The space—Four Barrel‘s new roasting warehouse—is, like all of their shops, beautiful. Artsy lights dangle from the ceiling, casting a warm glow over the enormous German roaster and the crew getting business done. The exposed ceiling, leftover from the nightclub that once occupied the warehouse, is sandblasted down to its original wood. It looks, remarkably, like the ceiling of Four Barrel’s original space across the Bay, on 14th and Valencia in the Mission District.
Four Barrel sees the space as a launchpad for not only its next retail iteration, but for a new take on how the world enjoys cold coffee. The company hopes, with the help of new technology, to offer a cold coffee product quite different from what’s currently on the marketplace.

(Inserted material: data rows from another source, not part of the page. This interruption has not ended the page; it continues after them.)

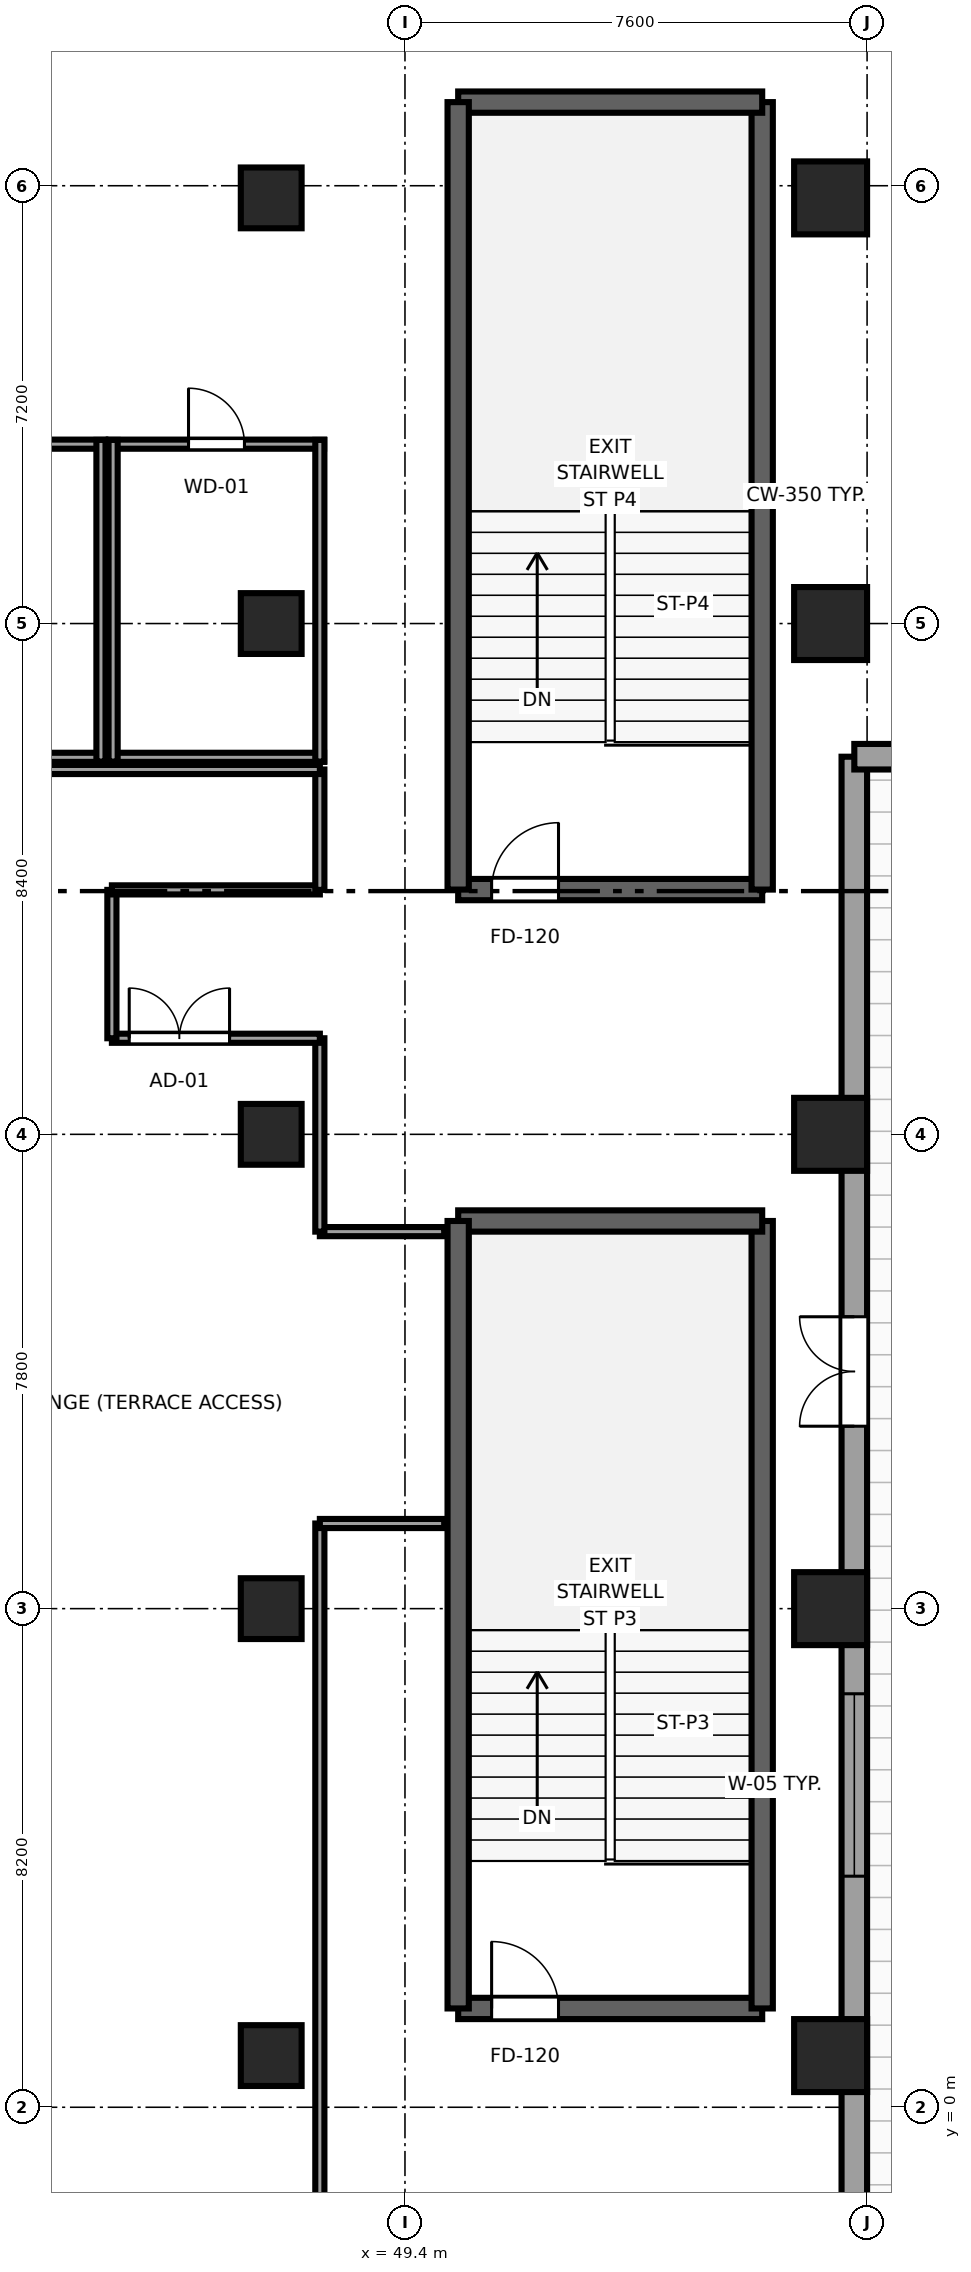
"""IFC4 building model, lengths in metres.
Left out: names, types, materials, properties, quantities, classifications, styles, units other than length and angle.
Written with IfcOpenShell. Run it as: python <this file> out.ifc"""

import sys

from ifc_helpers import new_model, si_unit, direction, frame, frame_2d, origin, origin_2d, place, context, subcontext, project, spatial, rectangle, extrude, source, transform, mapped, element, fill, save


model = new_model("IFC4")
c1 = context("Model", 3, precision=1e-05, world=origin(), true_north=direction((0.0, 1.0)))
c2 = subcontext(c1, "Body", "Model", "MODEL_VIEW")
j1 = project(units=[si_unit("LENGTHUNIT", "METRE"), si_unit("PLANEANGLEUNIT", "RADIAN")], contexts=[c1])
p1 = place(None, origin())
s1 = spatial("IfcSite", under=j1, at=p1, CompositionType="ELEMENT")
p2 = place(p1, origin())
s2 = spatial("IfcBuilding", under=s1, at=p2, CompositionType="ELEMENT")
p3 = place(p2, frame((0.0, 0.0, 26.8)))
s3 = spatial("IfcBuildingStorey", under=s2, at=p3, CompositionType="ELEMENT", Elevation=26.8)
p4 = place(p3, frame((50.275, 1.625, 0.0), z_axis=(0.0, 0.0, 1.0), x_axis=(1.0, 0.0, 0.0)))
e1 = element("IfcWall", 1, at=p4, inside=s3, PredefinedType="SHEAR", context=c2, shape_type="SweptSolid", body=[
    extrude(rectangle(XDim=5.0, YDim=0.35, at=frame_2d((2.5, 0.0))), origin(), (0.0, 0.0, 1.0), 5.2),
])
p5 = place(p4, frame((0.55, 0.0, 0.0)))
e2 = element("IfcOpeningElement", 2, at=p5, cuts=e1, PredefinedType="OPENING", context=c2, shape_type="SweptSolid", body=[
    extrude(rectangle(XDim=1.1, YDim=2.12, at=frame_2d((0.55, 1.06))), frame((0.0, 0.185, 0.0), z_axis=(0.0, -1.0, 0.0), x_axis=(1.0, 0.0, 0.0)), (0.0, 0.0, 1.0), 0.37),
])
p6 = place(p3, frame((55.275, 1.625, 0.0), z_axis=(0.0, 0.0, 1.0), x_axis=(0.0, 1.0, 0.0)))
e3 = element("IfcWall", 3, at=p6, inside=s3, PredefinedType="SHEAR", context=c2, shape_type="SweptSolid", body=[
    extrude(rectangle(XDim=12.95, YDim=0.35, at=frame_2d((6.475, 0.0))), origin(), (0.0, 0.0, 1.0), 5.2),
])
p7 = place(p3, frame((55.275, 14.575, 0.0), z_axis=(0.0, 0.0, 1.0), x_axis=(-1.0, 0.0, 0.0)))
e4 = element("IfcWall", 4, at=p7, inside=s3, PredefinedType="SHEAR", context=c2, shape_type="SweptSolid", body=[
    extrude(rectangle(XDim=5.0, YDim=0.35, at=frame_2d((2.5, 0.0))), origin(), (0.0, 0.0, 1.0), 5.2),
])
p8 = place(p3, frame((50.275, 14.575, 0.0), z_axis=(0.0, 0.0, 1.0), x_axis=(0.0, -1.0, 0.0)))
e5 = element("IfcWall", 5, at=p8, inside=s3, PredefinedType="SHEAR", context=c2, shape_type="SweptSolid", body=[
    extrude(rectangle(XDim=12.95, YDim=0.35, at=frame_2d((6.475, 0.0))), origin(), (0.0, 0.0, 1.0), 5.2),
])
p9 = place(p3, frame((50.275, 20.025, 0.0), z_axis=(0.0, 0.0, 1.0), x_axis=(1.0, 0.0, 0.0)))
e6 = element("IfcWall", 6, at=p9, inside=s3, PredefinedType="SHEAR", context=c2, shape_type="SweptSolid", body=[
    extrude(rectangle(XDim=5.0, YDim=0.35, at=frame_2d((2.5, 0.0))), origin(), (0.0, 0.0, 1.0), 5.2),
])
p10 = place(p9, frame((0.55, 0.0, 0.0)))
e7 = element("IfcOpeningElement", 7, at=p10, cuts=e6, PredefinedType="OPENING", context=c2, shape_type="SweptSolid", body=[
    extrude(rectangle(XDim=1.1, YDim=2.12, at=frame_2d((0.55, 1.06))), frame((0.0, 0.185, 0.0), z_axis=(0.0, -1.0, 0.0), x_axis=(1.0, 0.0, 0.0)), (0.0, 0.0, 1.0), 0.37),
])
p11 = place(p3, frame((55.275, 20.025, 0.0), z_axis=(0.0, 0.0, 1.0), x_axis=(0.0, 1.0, 0.0)))
e8 = element("IfcWall", 8, at=p11, inside=s3, PredefinedType="SHEAR", context=c2, shape_type="SweptSolid", body=[
    extrude(rectangle(XDim=12.95, YDim=0.35, at=frame_2d((6.475, 0.0))), origin(), (0.0, 0.0, 1.0), 5.2),
])
p12 = place(p3, frame((55.275, 32.975, 0.0), z_axis=(0.0, 0.0, 1.0), x_axis=(-1.0, 0.0, 0.0)))
e9 = element("IfcWall", 9, at=p12, inside=s3, PredefinedType="SHEAR", context=c2, shape_type="SweptSolid", body=[
    extrude(rectangle(XDim=5.0, YDim=0.35, at=frame_2d((2.5, 0.0))), origin(), (0.0, 0.0, 1.0), 5.2),
])
p13 = place(p3, frame((50.275, 32.975, 0.0), z_axis=(0.0, 0.0, 1.0), x_axis=(0.0, -1.0, 0.0)))
e10 = element("IfcWall", 10, at=p13, inside=s3, PredefinedType="SHEAR", context=c2, shape_type="SweptSolid", body=[
    extrude(rectangle(XDim=12.95, YDim=0.35, at=frame_2d((6.475, 0.0))), origin(), (0.0, 0.0, 1.0), 5.2),
])
m1 = source(origin(), c2, "Body", "SweptSolid", [
    extrude(rectangle(XDim=1.0, YDim=1.0, at=origin_2d()), origin(), (0.0, 0.0, 1.0), 5.2),
])
p14 = place(p3, frame((47.2, 0.85, 0.0), z_axis=(0.0, 0.0, 1.0), x_axis=(1.0, 0.0, 0.0)))
e11 = element("IfcColumn", 11, at=p14, inside=s3, PredefinedType="COLUMN", context=c2, shape_type="MappedRepresentation", body=[
    mapped(m1, transform((0.0, 0.0, 0.0), x_axis=(1.0, 0.0, 0.0), y_axis=(0.0, 1.0, 0.0), z_axis=(0.0, 0.0, 1.0), scale=1.0)),
])
m2 = source(origin(), c2, "Body", "SweptSolid", [
    extrude(rectangle(XDim=1.2, YDim=1.2, at=origin_2d()), origin(), (0.0, 0.0, 1.0), 5.2),
])
p15 = place(p3, frame((56.4, 0.85, 0.0), z_axis=(0.0, 0.0, 1.0), x_axis=(1.0, 0.0, 0.0)))
e12 = element("IfcColumn", 12, at=p15, inside=s3, PredefinedType="COLUMN", context=c2, shape_type="MappedRepresentation", body=[
    mapped(m2, transform((0.0, 0.0, 0.0), x_axis=(1.0, 0.0, 0.0), y_axis=(0.0, 1.0, 0.0), z_axis=(0.0, 0.0, 1.0), scale=1.0)),
])
p16 = place(p3, frame((47.2, 8.2, 0.0), z_axis=(0.0, 0.0, 1.0), x_axis=(1.0, 0.0, 0.0)))
e13 = element("IfcColumn", 13, at=p16, inside=s3, PredefinedType="COLUMN", context=c2, shape_type="MappedRepresentation", body=[
    mapped(m1, transform((0.0, 0.0, 0.0), x_axis=(1.0, 0.0, 0.0), y_axis=(0.0, 1.0, 0.0), z_axis=(0.0, 0.0, 1.0), scale=1.0)),
])
p17 = place(p3, frame((56.4, 8.2, 0.0), z_axis=(0.0, 0.0, 1.0), x_axis=(1.0, 0.0, 0.0)))
e14 = element("IfcColumn", 14, at=p17, inside=s3, PredefinedType="COLUMN", context=c2, shape_type="MappedRepresentation", body=[
    mapped(m2, transform((0.0, 0.0, 0.0), x_axis=(1.0, 0.0, 0.0), y_axis=(0.0, 1.0, 0.0), z_axis=(0.0, 0.0, 1.0), scale=1.0)),
])
p18 = place(p3, frame((47.2, 16.0, 0.0), z_axis=(0.0, 0.0, 1.0), x_axis=(1.0, 0.0, 0.0)))
e15 = element("IfcColumn", 15, at=p18, inside=s3, PredefinedType="COLUMN", context=c2, shape_type="MappedRepresentation", body=[
    mapped(m1, transform((0.0, 0.0, 0.0), x_axis=(1.0, 0.0, 0.0), y_axis=(0.0, 1.0, 0.0), z_axis=(0.0, 0.0, 1.0), scale=1.0)),
])
p19 = place(p3, frame((56.4, 16.0, 0.0), z_axis=(0.0, 0.0, 1.0), x_axis=(1.0, 0.0, 0.0)))
e16 = element("IfcColumn", 16, at=p19, inside=s3, PredefinedType="COLUMN", context=c2, shape_type="MappedRepresentation", body=[
    mapped(m2, transform((0.0, 0.0, 0.0), x_axis=(1.0, 0.0, 0.0), y_axis=(0.0, 1.0, 0.0), z_axis=(0.0, 0.0, 1.0), scale=1.0)),
])
p20 = place(p3, frame((47.2, 24.4, 0.0), z_axis=(0.0, 0.0, 1.0), x_axis=(1.0, 0.0, 0.0)))
e17 = element("IfcColumn", 17, at=p20, inside=s3, PredefinedType="COLUMN", context=c2, shape_type="MappedRepresentation", body=[
    mapped(m1, transform((0.0, 0.0, 0.0), x_axis=(1.0, 0.0, 0.0), y_axis=(0.0, 1.0, 0.0), z_axis=(0.0, 0.0, 1.0), scale=1.0)),
])
p21 = place(p3, frame((56.4, 24.4, 0.0), z_axis=(0.0, 0.0, 1.0), x_axis=(1.0, 0.0, 0.0)))
e18 = element("IfcColumn", 18, at=p21, inside=s3, PredefinedType="COLUMN", context=c2, shape_type="MappedRepresentation", body=[
    mapped(m2, transform((0.0, 0.0, 0.0), x_axis=(1.0, 0.0, 0.0), y_axis=(0.0, 1.0, 0.0), z_axis=(0.0, 0.0, 1.0), scale=1.0)),
])
p22 = place(p3, frame((47.2, 31.4, 0.0), z_axis=(0.0, 0.0, 1.0), x_axis=(1.0, 0.0, 0.0)))
e19 = element("IfcColumn", 19, at=p22, inside=s3, PredefinedType="COLUMN", context=c2, shape_type="MappedRepresentation", body=[
    mapped(m1, transform((0.0, 0.0, 0.0), x_axis=(1.0, 0.0, 0.0), y_axis=(0.0, 1.0, 0.0), z_axis=(0.0, 0.0, 1.0), scale=1.0)),
])
p23 = place(p3, frame((56.4, 31.4, 0.0), z_axis=(0.0, 0.0, 1.0), x_axis=(1.0, 0.0, 0.0)))
e20 = element("IfcColumn", 20, at=p23, inside=s3, PredefinedType="COLUMN", context=c2, shape_type="MappedRepresentation", body=[
    mapped(m2, transform((0.0, 0.0, 0.0), x_axis=(1.0, 0.0, 0.0), y_axis=(0.0, 1.0, 0.0), z_axis=(0.0, 0.0, 1.0), scale=1.0)),
])
p24 = place(p3, frame((56.79, -2.29, 0.0), z_axis=(0.0, 0.0, 1.0), x_axis=(0.0, 1.0, 0.0)))
e21 = element("IfcWall", 21, at=p24, inside=s3, PredefinedType="SOLIDWALL", context=c2, shape_type="SweptSolid", body=[
    extrude(rectangle(XDim=24.5, YDim=0.42, at=frame_2d((12.25, 0.0))), origin(), (0.0, 0.0, 1.0), 4.94),
])
p25 = place(p24, frame((15.29, 0.0, 0.0), z_axis=(0.0, 0.0, 1.0), x_axis=(-1.0, 0.0, 0.0)))
e22 = element("IfcOpeningElement", 22, at=p25, cuts=e21, PredefinedType="OPENING", context=c2, shape_type="SweptSolid", body=[
    extrude(rectangle(XDim=1.8, YDim=2.15, at=frame_2d((0.9, 1.075))), frame((0.0, 0.22, 0.0), z_axis=(0.0, -1.0, 0.0), x_axis=(1.0, 0.0, 0.0)), (0.0, 0.0, 1.0), 0.44),
])
p26 = place(p24, frame((6.09, 0.0, 0.65)))
e23 = element("IfcOpeningElement", 23, at=p26, cuts=e21, PredefinedType="OPENING", context=c2, shape_type="SweptSolid", body=[
    extrude(rectangle(XDim=3.0, YDim=2.5, at=frame_2d((1.5, 1.25))), frame((0.0, 0.22, 0.0), z_axis=(0.0, -1.0, 0.0), x_axis=(1.0, 0.0, 0.0)), (0.0, 0.0, 1.0), 0.44),
])
p27 = place(p3, frame((56.79, 22.21, 0.0), z_axis=(0.0, 0.0, 1.0), x_axis=(1.0, 0.0, 0.0)))
e24 = element("IfcWall", 24, at=p27, inside=s3, PredefinedType="SOLIDWALL", context=c2, shape_type="SweptSolid", body=[
    extrude(rectangle(XDim=8.4, YDim=0.42, at=frame_2d((4.2, 0.0))), origin(), (0.0, 0.0, 1.0), 4.94),
])
p28 = place(p27, frame((2.7, 0.0, 0.65)))
e25 = element("IfcOpeningElement", 25, at=p28, cuts=e24, PredefinedType="OPENING", context=c2, shape_type="SweptSolid", body=[
    extrude(rectangle(XDim=3.0, YDim=2.5, at=frame_2d((1.5, 1.25))), frame((0.0, 0.22, 0.0), z_axis=(0.0, -1.0, 0.0), x_axis=(1.0, 0.0, 0.0)), (0.0, 0.0, 1.0), 0.44),
])
p29 = place(p3, frame((48.0, -2.025, 0.0), z_axis=(0.0, 0.0, 1.0), x_axis=(0.0, 1.0, 0.0)))
e26 = element("IfcWall", 26, at=p29, inside=s3, PredefinedType="PARTITIONING", context=c2, shape_type="SweptSolid", body=[
    extrude(rectangle(XDim=11.625, YDim=0.15, at=frame_2d((5.812, 0.0))), origin(), (0.0, 0.0, 1.0), 4.94),
])
for number, where, z_axis, x_axis in (
    (27, (48.0, 9.6, 0.0), (0.0, 0.0, 1.0), (1.0, 0.0, 0.0)),
    (28, (48.0, 14.4, 0.0), (0.0, 0.0, 1.0), (1.0, 0.0, 0.0)),
):
    element("IfcWall", number, at=place(p3, frame(where, z_axis=z_axis, x_axis=x_axis)), inside=s3, PredefinedType="PARTITIONING", context=c2, shape_type="SweptSolid", body=[
        extrude(rectangle(XDim=2.045, YDim=0.15, at=frame_2d((1.022, 0.0))), origin(), (0.0, 0.0, 1.0), 4.94),
    ])
p30 = place(p3, frame((48.0, 14.4, 0.0), z_axis=(0.0, 0.0, 1.0), x_axis=(0.0, 1.0, 0.0)))
e29 = element("IfcWall", 29, at=p30, inside=s3, PredefinedType="PARTITIONING", context=c2, shape_type="SweptSolid", body=[
    extrude(rectangle(XDim=3.18, YDim=0.15, at=frame_2d((1.59, 0.0))), origin(), (0.0, 0.0, 1.0), 4.94),
])
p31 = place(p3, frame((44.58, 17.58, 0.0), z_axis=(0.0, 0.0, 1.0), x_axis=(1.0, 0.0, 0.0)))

Eight years ago, when the revered San Francisco roaster threw open the doors on its gorgeous, and now iconic, shop on Valencia, its contemporaries were Ritual, Blue Bottle, and soon Sightglass—big names in specialty coffee that have each gotten bigger. The Bay Area’s coffee scene has had a breakneck pace in the years since, and Four Barrel has done the hard work of keeping up with it. The indie roaster’s beans are served in some 400 coffee shops nationwide. Their bread and coffee spot The Mill is one of San Francisco’s most popular coffee shops; they’ve opened a second Four Barrel location just off San Bruno, in Portola; and their original location still draws a line of epic proportions on most days. Still, amongst those who care to prognosticate the future of speciality coffee shops, Four Barrel’s has always been a mysterious one. The moves they’ve made—like the purchase of De La Paz a few years back—come slowly, making respectable ripples in the Bay before being subsumed by whatever coffee-related story pops up next. What their followers really wanted to know was: when was Four Barrel going to make its power play?
Expansion, as normal as it seems in San Francisco’s money-bleeding clime, is a scary thing—and doubly so for an independent small business like Four Barrel, which is owned jointly by Tal Mor, Jeremy Tooker, and Jodi Geren. “I remember Jodi saying, ‘when we hit 10,000 pounds a week,’ and Jeremy responding, ‘14,000 pounds,'” says Mor. “To do that, we had to reach this point where we were busting at the seams. The small to the big, that’s the scary moment,” Mor tells me. “You can fail.”
With tech money exploding the market, a big enough space to house the production area they dreamed of was nearly impossible. “We kept getting outbid by these crazy people, time and time again,” Mor says, speaking of the three years they searched for a proper space in San Francisco proper. “Finally it was like, let’s go to Oakland.”
The owners, along with a selection of staff and friends, built out the Oakland space almost entirely with their own hands, and their own money. For six months, the trio worked through every challenge on their own—sprinklers, floors, flying to Germany to help design a control panel for their roasters. The build-out of the warehouse became everything. And in challenging themselves through the creation of this new, giant baby, another realization crept up.
The owners of Four Barrel were getting bored.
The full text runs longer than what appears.